For Synology you can take a look at what they're shipping since they're shipping it to consumers. It does seem like they're not using many of the volume management features, instead using some proprietary volume management scheme on the block layer. However otherwise there's nothing particularly special that I can see, it's just btrfs. Other advanced features like transparent compression are available and exposed in the UI.
(edit: Small correction. While I'm still pretty sure Synology has custom volume management for RAID which works on the block level, as it turns out, they are actually using btrfs subvolumes as well.)
I think the Synology case is an especially interesting bit of evidence because it's gotta be one of the worst cases of shipping a filesystem, since you're shipping it to customer machines you don't control and can't easily inspect later. It's not the only case of shipping btrfs to the customer either, I believe ChromeOS does this and even uses subvolumes, though I didn't actually look for myself when I was using it so I'm not actually 100% sure on that one.
> This is all true, but ZFS has generally all the same features, yet I don't see remotely as many testimonials from people saying "ZFS ate my data!" as I have with btrfs over the years. Maybe btrfs has gotten better over time, but as the American car manufacturers found out, it takes very little time to ruin your reputation for reliability, and a very long time to repair that reputation.
In my opinion, ZFS and other Solaris technologies that came out around that time period set a very high bar for reliable, genuinely innovative system features. I think we're going to have to live with the fact that just having a production-ready filesystem dropped onto the world is not going to be the common case, especially in the open source world: the filesystem will need to go through its growing pains in the open.
Btrfs has earned a reputation as the perpetually-unfinished filesystem. Maybe it's tainted and it will simply never approach the degree of stability that ZFS has. Or, maybe it already has, and it will just take a while for people to acknowledge it. It's hard to be sure.

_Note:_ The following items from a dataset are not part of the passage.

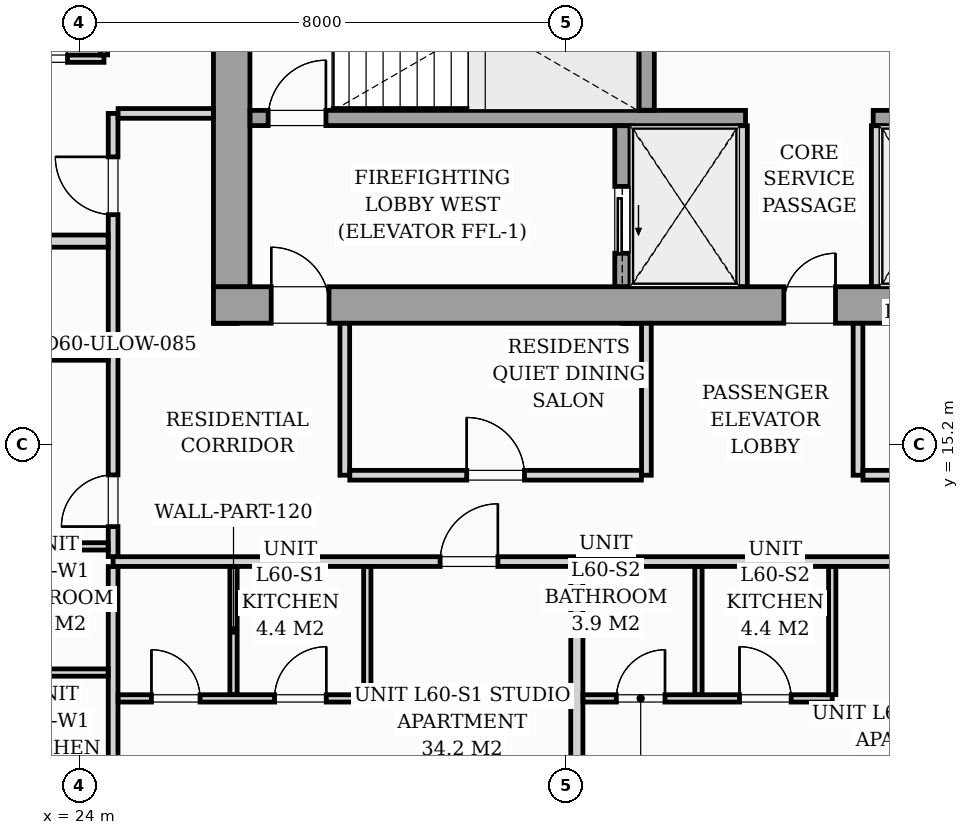
"""IFC4 building model, lengths in metres.
Left out: names, types, materials, properties, quantities, classifications, styles, units other than length and angle.
Written with IfcOpenShell. Run it as: python <this file> out.ifc"""

import sys

from ifc_helpers import new_model, si_unit, direction, frame, frame_2d, origin, origin_2d, place, context, subcontext, project, spatial, rectangle, i_section, extrude, source, transform, mapped, element, fill, save


model = new_model("IFC4")
c1 = context("Model", 3, precision=1e-05, world=origin(), true_north=direction((0.0, 1.0)))
c2 = subcontext(c1, "Body", "Model", "MODEL_VIEW")
j1 = project(units=[si_unit("LENGTHUNIT", "METRE"), si_unit("PLANEANGLEUNIT", "RADIAN")], contexts=[c1])
p1 = place(None, origin())
s1 = spatial("IfcSite", under=j1, at=p1, CompositionType="ELEMENT")
p2 = place(p1, origin())
s2 = spatial("IfcBuilding", under=s1, at=p2, CompositionType="ELEMENT")
p3 = place(p2, frame((0.0, 0.0, 208.2)))
s3 = spatial("IfcBuildingStorey", under=s2, at=p3, CompositionType="ELEMENT", Elevation=208.2)
m1 = source(origin(), c2, "Body", "SweptSolid", [
    extrude(i_section(OverallWidth=0.416, OverallDepth=0.446, WebThickness=0.039, FlangeThickness=0.063, FilletRadius=0.018, at=origin_2d()), origin(), (0.0, 0.0, 1.0), 3.196),
])
for number, where, z_axis, x_axis in (
    (1, (26.4, 17.4, 0.002), (0.0, 0.0, 1.0), (1.0, 0.0, 0.0)),
    (2, (33.12, 17.4, 0.002), (0.0, 0.0, 1.0), (1.0, 0.0, 0.0)),
):
    element("IfcColumn", number, at=place(p3, frame(where, z_axis=z_axis, x_axis=x_axis)), inside=s3, PredefinedType="PILASTER", context=c2, shape_type="MappedRepresentation", body=[
        mapped(m1, transform((0.0, 0.0, 0.0), scale=1.0)),
    ])
p4 = place(p3, frame((26.2, 17.5, 0.0), z_axis=(0.0, 0.0, 1.0), x_axis=(1.0, 0.0, 0.0)))
e3 = element("IfcWall", 3, at=p4, inside=s3, PredefinedType="SHEAR", context=c2, shape_type="SweptSolid", body=[
    extrude(rectangle(XDim=19.6, YDim=0.6, at=frame_2d((9.8, 0.0))), origin(), (0.0, 0.0, 1.0), 3.2),
])
p5 = place(p4, frame((0.95, 0.0, 0.0)))
e4 = element("IfcOpeningElement", 4, at=p5, cuts=e3, PredefinedType="OPENING", context=c2, shape_type="SweptSolid", body=[
    extrude(rectangle(XDim=0.95, YDim=2.06, at=frame_2d((0.475, 1.03))), frame((0.0, 0.31, 0.0), z_axis=(0.0, -1.0, 0.0), x_axis=(1.0, 0.0, 0.0)), (0.0, 0.0, 1.0), 0.62),
])
p6 = place(p4, frame((9.38, 0.0, 0.0)))
e5 = element("IfcOpeningElement", 5, at=p6, cuts=e3, PredefinedType="OPENING", context=c2, shape_type="SweptSolid", body=[
    extrude(rectangle(XDim=0.85, YDim=2.0, at=frame_2d((0.425, 1.0))), frame((0.0, 0.31, 0.0), z_axis=(0.0, -1.0, 0.0), x_axis=(1.0, 0.0, 0.0)), (0.0, 0.0, 1.0), 0.62),
])
p7 = place(p4, frame((17.55, 0.0, 0.0)))
e6 = element("IfcOpeningElement", 6, at=p7, cuts=e3, PredefinedType="OPENING", context=c2, shape_type="SweptSolid", body=[
    extrude(rectangle(XDim=0.95, YDim=2.06, at=frame_2d((0.475, 1.03))), frame((0.0, 0.31, 0.0), z_axis=(0.0, -1.0, 0.0), x_axis=(1.0, 0.0, 0.0)), (0.0, 0.0, 1.0), 0.62),
])
p8 = place(p3, frame((26.5, 17.802, 0.0), z_axis=(0.0, 0.0, 1.0), x_axis=(0.0, 1.0, 0.0)))
e7 = element("IfcWall", 7, at=p8, inside=s3, PredefinedType="SHEAR", context=c2, shape_type="SweptSolid", body=[
    extrude(rectangle(XDim=5.796, YDim=0.6, at=frame_2d((2.898, 0.0))), origin(), (0.0, 0.0, 1.0), 3.2),
])
p9 = place(p3, frame((26.802, 20.575, 0.0), z_axis=(0.0, 0.0, 1.0), x_axis=(1.0, 0.0, 0.0)))
e8 = element("IfcWall", 8, at=p9, inside=s3, PredefinedType="SOLIDWALL", context=c2, shape_type="SweptSolid", body=[
    extrude(rectangle(XDim=8.148, YDim=0.25, at=frame_2d((4.074, 0.0))), origin(), (0.0, 0.0, 1.0), 3.2),
])
p10 = place(p9, frame((0.298, 0.0, 0.0)))
e9 = element("IfcOpeningElement", 9, at=p10, cuts=e8, PredefinedType="OPENING", context=c2, shape_type="SweptSolid", body=[
    extrude(rectangle(XDim=0.95, YDim=2.06, at=frame_2d((0.475, 1.03))), frame((0.0, 0.135, 0.0), z_axis=(0.0, -1.0, 0.0), x_axis=(1.0, 0.0, 0.0)), (0.0, 0.0, 1.0), 0.27),
])
p11 = place(p3, frame((37.05, 20.575, 0.0), z_axis=(0.0, 0.0, 1.0), x_axis=(1.0, 0.0, 0.0)))
e10 = element("IfcWall", 10, at=p11, inside=s3, PredefinedType="SOLIDWALL", context=c2, shape_type="SweptSolid", body=[
    extrude(rectangle(XDim=8.148, YDim=0.25, at=frame_2d((4.074, 0.0))), origin(), (0.0, 0.0, 1.0), 3.2),
])
p12 = place(p11, frame((6.6, 0.0, 0.0)))
e11 = element("IfcOpeningElement", 11, at=p12, cuts=e10, PredefinedType="OPENING", context=c2, shape_type="SweptSolid", body=[
    extrude(rectangle(XDim=0.95, YDim=2.06, at=frame_2d((0.475, 1.03))), frame((0.0, 0.135, 0.0), z_axis=(0.0, -1.0, 0.0), x_axis=(1.0, 0.0, 0.0)), (0.0, 0.0, 1.0), 0.27),
])
p13 = place(p3, frame((33.325, 20.702, 0.0), z_axis=(0.0, 0.0, 1.0), x_axis=(0.0, 1.0, 0.0)))
e12 = element("IfcWall", 12, at=p13, inside=s3, PredefinedType="SOLIDWALL", context=c2, shape_type="SweptSolid", body=[
    extrude(rectangle(XDim=2.896, YDim=0.25, at=frame_2d((1.448, 0.0))), origin(), (0.0, 0.0, 1.0), 3.2),
])
p14 = place(p3, frame((32.925, 17.802, 0.0), z_axis=(0.0, 0.0, 1.0), x_axis=(0.0, 1.0, 0.0)))
e13 = element("IfcWall", 13, at=p14, inside=s3, PredefinedType="SOLIDWALL", context=c2, shape_type="SweptSolid", body=[
    extrude(rectangle(XDim=2.646, YDim=0.25, at=frame_2d((1.323, 0.0))), origin(), (0.0, 0.0, 1.0), 3.2),
])
p15 = place(p14, frame((0.548, 0.0, 0.0)))
e14 = element("IfcOpeningElement", 14, at=p15, cuts=e13, PredefinedType="OPENING", context=c2, shape_type="SweptSolid", body=[
    extrude(rectangle(XDim=1.1, YDim=2.08, at=frame_2d((0.55, 1.04))), frame((0.0, 0.135, 0.0), z_axis=(0.0, -1.0, 0.0), x_axis=(1.0, 0.0, 0.0)), (0.0, 0.0, 1.0), 0.27),
])
for number, where, z_axis, x_axis in (
    (15, (34.9, 17.802, 0.0), (0.0, 0.0, 1.0), (0.0, 1.0, 0.0)),
    (16, (37.1, 17.802, 0.0), (0.0, 0.0, 1.0), (0.0, 1.0, 0.0)),
):
    element("IfcWall", number, at=place(p3, frame(where, z_axis=z_axis, x_axis=x_axis)), inside=s3, PredefinedType="PARTITIONING", context=c2, shape_type="SweptSolid", body=[
        extrude(rectangle(XDim=2.646, YDim=0.16, at=frame_2d((1.323, 0.0))), origin(), (0.0, 0.0, 1.0), 2.9),
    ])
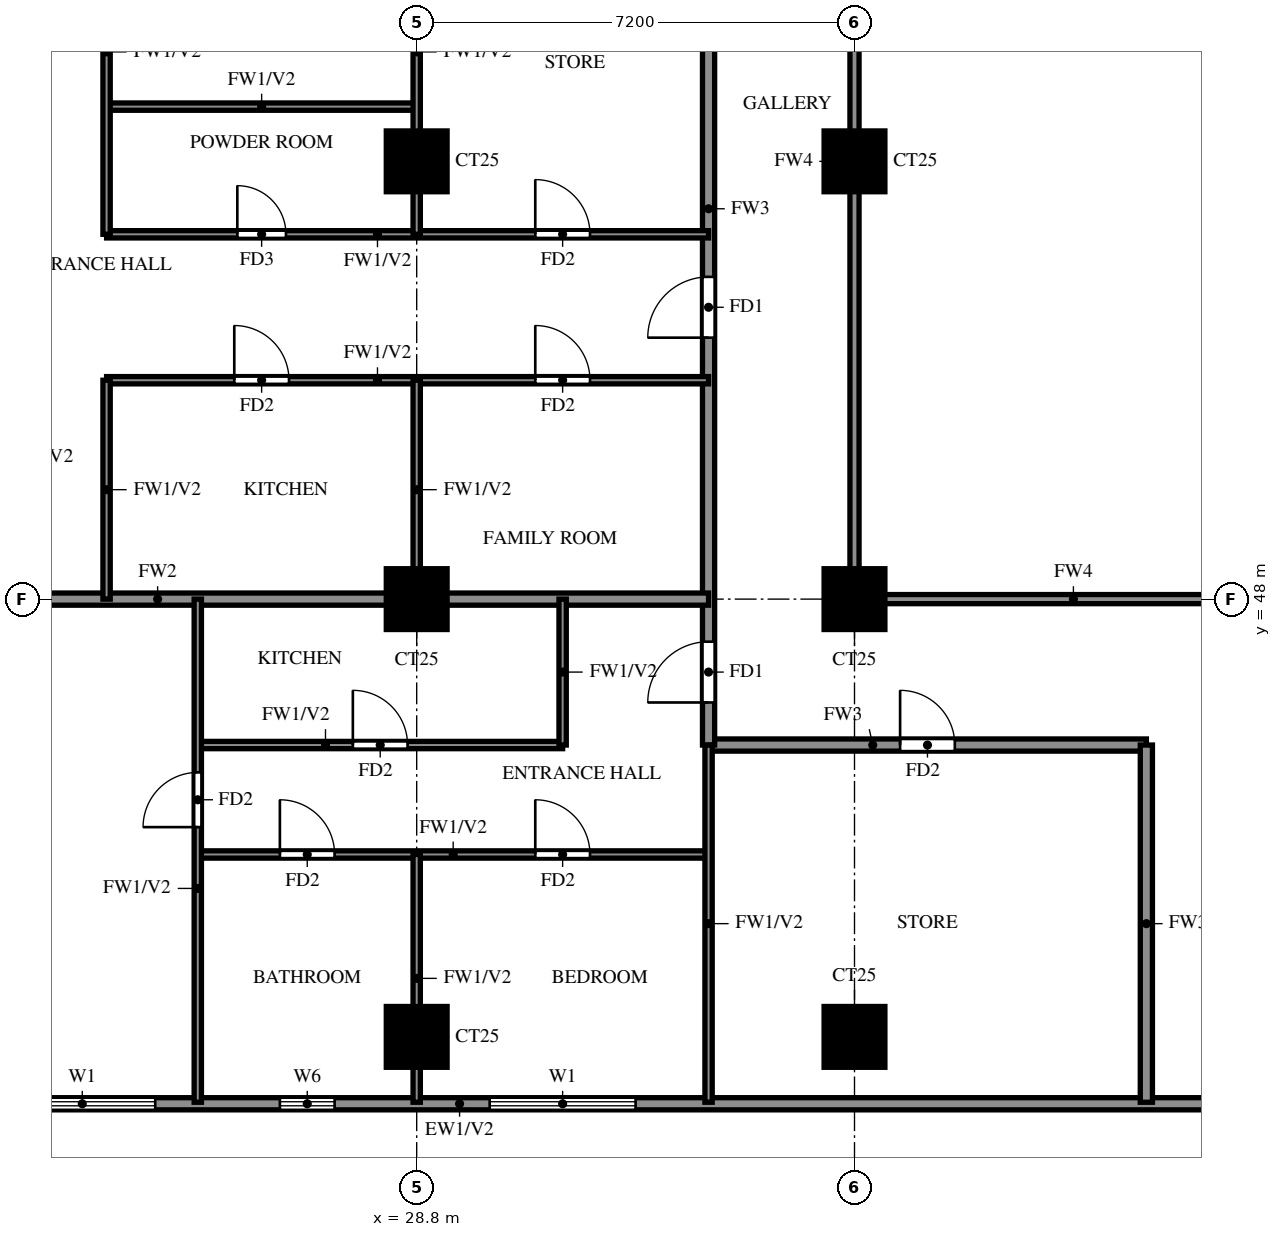
"""IFC4 building model, lengths in metres.
Left out: names, types, materials, properties, quantities, classifications, styles, units other than length and angle.
Written with IfcOpenShell. Run it as: python <this file> out.ifc"""

import sys

from ifc_helpers import new_model, si_unit, direction, frame, frame_2d, origin, origin_2d, place, context, subcontext, project, spatial, rectangle, extrude, source, transform, mapped, element, fill, save


model = new_model("IFC4")
c1 = context("Model", 3, precision=1e-05, world=origin(), true_north=direction((0.0, 1.0)))
c2 = subcontext(c1, "Body", "Model", "MODEL_VIEW")
j1 = project(units=[si_unit("LENGTHUNIT", "METRE"), si_unit("PLANEANGLEUNIT", "RADIAN")], contexts=[c1])
p1 = place(None, origin())
s1 = spatial("IfcSite", under=j1, at=p1, CompositionType="ELEMENT")
p2 = place(p1, origin())
s2 = spatial("IfcBuilding", under=s1, at=p2, CompositionType="ELEMENT")
p3 = place(p2, frame((0.0, 0.0, 143.0)))
s3 = spatial("IfcBuildingStorey", under=s2, at=p3, CompositionType="ELEMENT", Elevation=143.0)
m1 = source(origin(), c2, "Body", "SweptSolid", [
    extrude(rectangle(XDim=1.0, YDim=1.0, at=origin_2d()), origin(), (0.0, 0.0, 1.0), 3.2),
])
for number, where, z_axis, x_axis in (
    (1, (28.8, 40.8, 0.0), (0.0, 0.0, 1.0), (1.0, 0.0, 0.0)),
    (2, (36.0, 40.8, 0.0), (0.0, 0.0, 1.0), (1.0, 0.0, 0.0)),
    (3, (28.8, 48.0, 0.0), (0.0, 0.0, 1.0), (1.0, 0.0, 0.0)),
    (4, (36.0, 48.0, 0.0), (0.0, 0.0, 1.0), (1.0, 0.0, 0.0)),
    (5, (28.8, 55.2, 0.0), (0.0, 0.0, 1.0), (1.0, 0.0, 0.0)),
    (6, (36.0, 55.2, 0.0), (0.0, 0.0, 1.0), (1.0, 0.0, 0.0)),
):
    element("IfcColumn", number, at=place(p3, frame(where, z_axis=z_axis, x_axis=x_axis)), inside=s3, PredefinedType="COLUMN", context=c2, shape_type="MappedRepresentation", body=[
        mapped(m1, transform((0.0, 0.0, 0.0))),
    ])
p4 = place(p3, frame((18.2, 39.7, 0.0), z_axis=(0.0, 0.0, 1.0), x_axis=(1.0, 0.0, 0.0)))
e7 = element("IfcWall", 7, at=p4, inside=s3, PredefinedType="SOLIDWALL", context=c2, shape_type="SweptSolid", body=[
    extrude(rectangle(XDim=23.8, YDim=0.2, at=frame_2d((11.9, 0.0))), origin(), (0.0, 0.0, 1.0), 3.2),
])
p5 = place(p4, frame((0.9, 0.0, 0.6)))
e8 = element("IfcOpeningElement", 8, at=p5, cuts=e7, PredefinedType="OPENING", context=c2, shape_type="SweptSolid", body=[
    extrude(rectangle(XDim=2.4, YDim=2.4, at=frame_2d((1.2, 1.2))), frame((0.0, 0.11, 0.0), z_axis=(0.0, -1.0, 0.0), x_axis=(1.0, 0.0, 0.0)), (0.0, 0.0, 1.0), 0.22),
])
p6 = place(p4, frame((3.9, 0.0, 0.6)))
e9 = element("IfcOpeningElement", 9, at=p6, cuts=e7, PredefinedType="OPENING", context=c2, shape_type="SweptSolid", body=[
    extrude(rectangle(XDim=2.4, YDim=2.4, at=frame_2d((1.2, 1.2))), frame((0.0, 0.11, 0.0), z_axis=(0.0, -1.0, 0.0), x_axis=(1.0, 0.0, 0.0)), (0.0, 0.0, 1.0), 0.22),
])
p7 = place(p4, frame((8.35, 0.0, 1.5)))
e10 = element("IfcOpeningElement", 10, at=p7, cuts=e7, PredefinedType="OPENING", context=c2, shape_type="SweptSolid", body=[
    extrude(rectangle(XDim=0.9, YDim=0.9, at=frame_2d((0.45, 0.45))), frame((0.0, 0.11, 0.0), z_axis=(0.0, -1.0, 0.0), x_axis=(1.0, 0.0, 0.0)), (0.0, 0.0, 1.0), 0.22),
])
p8 = place(p4, frame((11.8, 0.0, 0.6)))
e11 = element("IfcOpeningElement", 11, at=p8, cuts=e7, PredefinedType="OPENING", context=c2, shape_type="SweptSolid", body=[
    extrude(rectangle(XDim=2.4, YDim=2.4, at=frame_2d((1.2, 1.2))), frame((0.0, 0.11, 0.0), z_axis=(0.0, -1.0, 0.0), x_axis=(1.0, 0.0, 0.0)), (0.0, 0.0, 1.0), 0.22),
])
p9 = place(p3, frame((33.6, 45.6, 0.0), z_axis=(0.0, 0.0, 1.0), x_axis=(1.0, 0.0, 0.0)))
e12 = element("IfcWall", 12, at=p9, inside=s3, PredefinedType="SOLIDWALL", context=c2, shape_type="SweptSolid", body=[
    extrude(rectangle(XDim=7.2, YDim=0.2, at=frame_2d((3.6, 0.0))), origin(), (0.0, 0.0, 1.0), 3.2),
])
p10 = place(p9, frame((3.15, 0.0, 0.0)))
e13 = element("IfcOpeningElement", 13, at=p10, cuts=e12, PredefinedType="OPENING", context=c2, shape_type="SweptSolid", body=[
    extrude(rectangle(XDim=0.9, YDim=2.1, at=frame_2d((0.45, 1.05))), frame((0.0, 0.11, 0.0), z_axis=(0.0, -1.0, 0.0), x_axis=(1.0, 0.0, 0.0)), (0.0, 0.0, 1.0), 0.22),
])
p11 = place(p3, frame((33.6, 45.6, 0.0), z_axis=(0.0, 0.0, 1.0), x_axis=(0.0, 1.0, 0.0)))
e14 = element("IfcWall", 14, at=p11, inside=s3, PredefinedType="SOLIDWALL", context=c2, shape_type="SweptSolid", body=[
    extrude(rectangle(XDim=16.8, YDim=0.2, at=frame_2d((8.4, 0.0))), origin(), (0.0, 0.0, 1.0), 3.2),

My favorite option would be if I just simply don't have to find out, because an option arrives that quickly proves itself to be much better. bcachefs is a prime contender since it not only seems to have better bones but it's also faster than btrfs in benchmarks anyways (which is not saying much because btrfs is actually quite slow.) But for me, I'm still waiting. And until then, ZFS is not in mainline Linux, and it never will be. So for now, I'm using btrfs and generally OK recommending it for users that want more advanced features than ext4 can offer, with the simple caveat that you should always keep sufficient backups of your important data at all times.
I only joined in on this discussion because I think that the btrfs hysteria train has gone off the rails. Btrfs is a flawed filesystem, but it continues to be vastly overstated every time it comes up. It's just, simply put, not that bad. It does generally work as expected.
>Synology has their own btrfs setup that they ship to customers with their NAS software for example.
Synology infamously/hilariously does not use btrfs as the underlying file system because even they don't trust btrfs's RAID subsystem. Synology uses LVM RAID that is presented to btrfs as a single drive. btrfs isn't managing any of the volumes/disks.
Their reason for not using btrfs as a multi-device volume manager is not specified, though it's reasonable to infer that it is because btrfs's own built-in volume management/RAID wasn't suitable. That's not really very surprising: back in ~2016 when Synology started using btrfs, these features were still somewhat nascent even though other parts of the filesystem were starting to become more mature. To this day, btrfs RAID is still pretty limited, and I wouldn't recommend it. (As far as I know, btrfs RAID5/6 is even still considered incomplete upstream.) On the other hand, btrfs subvolumes as a whole are relatively stable, and that and other features are used in Synology DSM and ChromeOS.
That said, there's really nothing particularly wrong with using btrfs with another block-level volume manager. I'm sure it seems silly since it's something btrfs ostensibly supports, but filesystem-level redundancy is still one of those things that I think I would generally be afraid to lean on too hard. More traditional RAID at the block level is simply going to be less susceptible to bugs, and it might even be a bit easier to manage. (I've used ZFS raidz before and ran into issues/confusion when trying to manage the zpool. I have nothing but respect for the developers of ZFS but I think the degree to which people portray ZFS as an impeccable specimen of filesystem perfection is a little bit unrealistic, it can be confusing, limited, and even, at least very occasionally, buggy too.)
>That's not really very surprising: back in ~2016 when Synology started using btrfs, these features were still somewhat nascent even though other parts of the filesystem were starting to become more mature.
btrfs was seven years old at that point and declared "stable" three years before that.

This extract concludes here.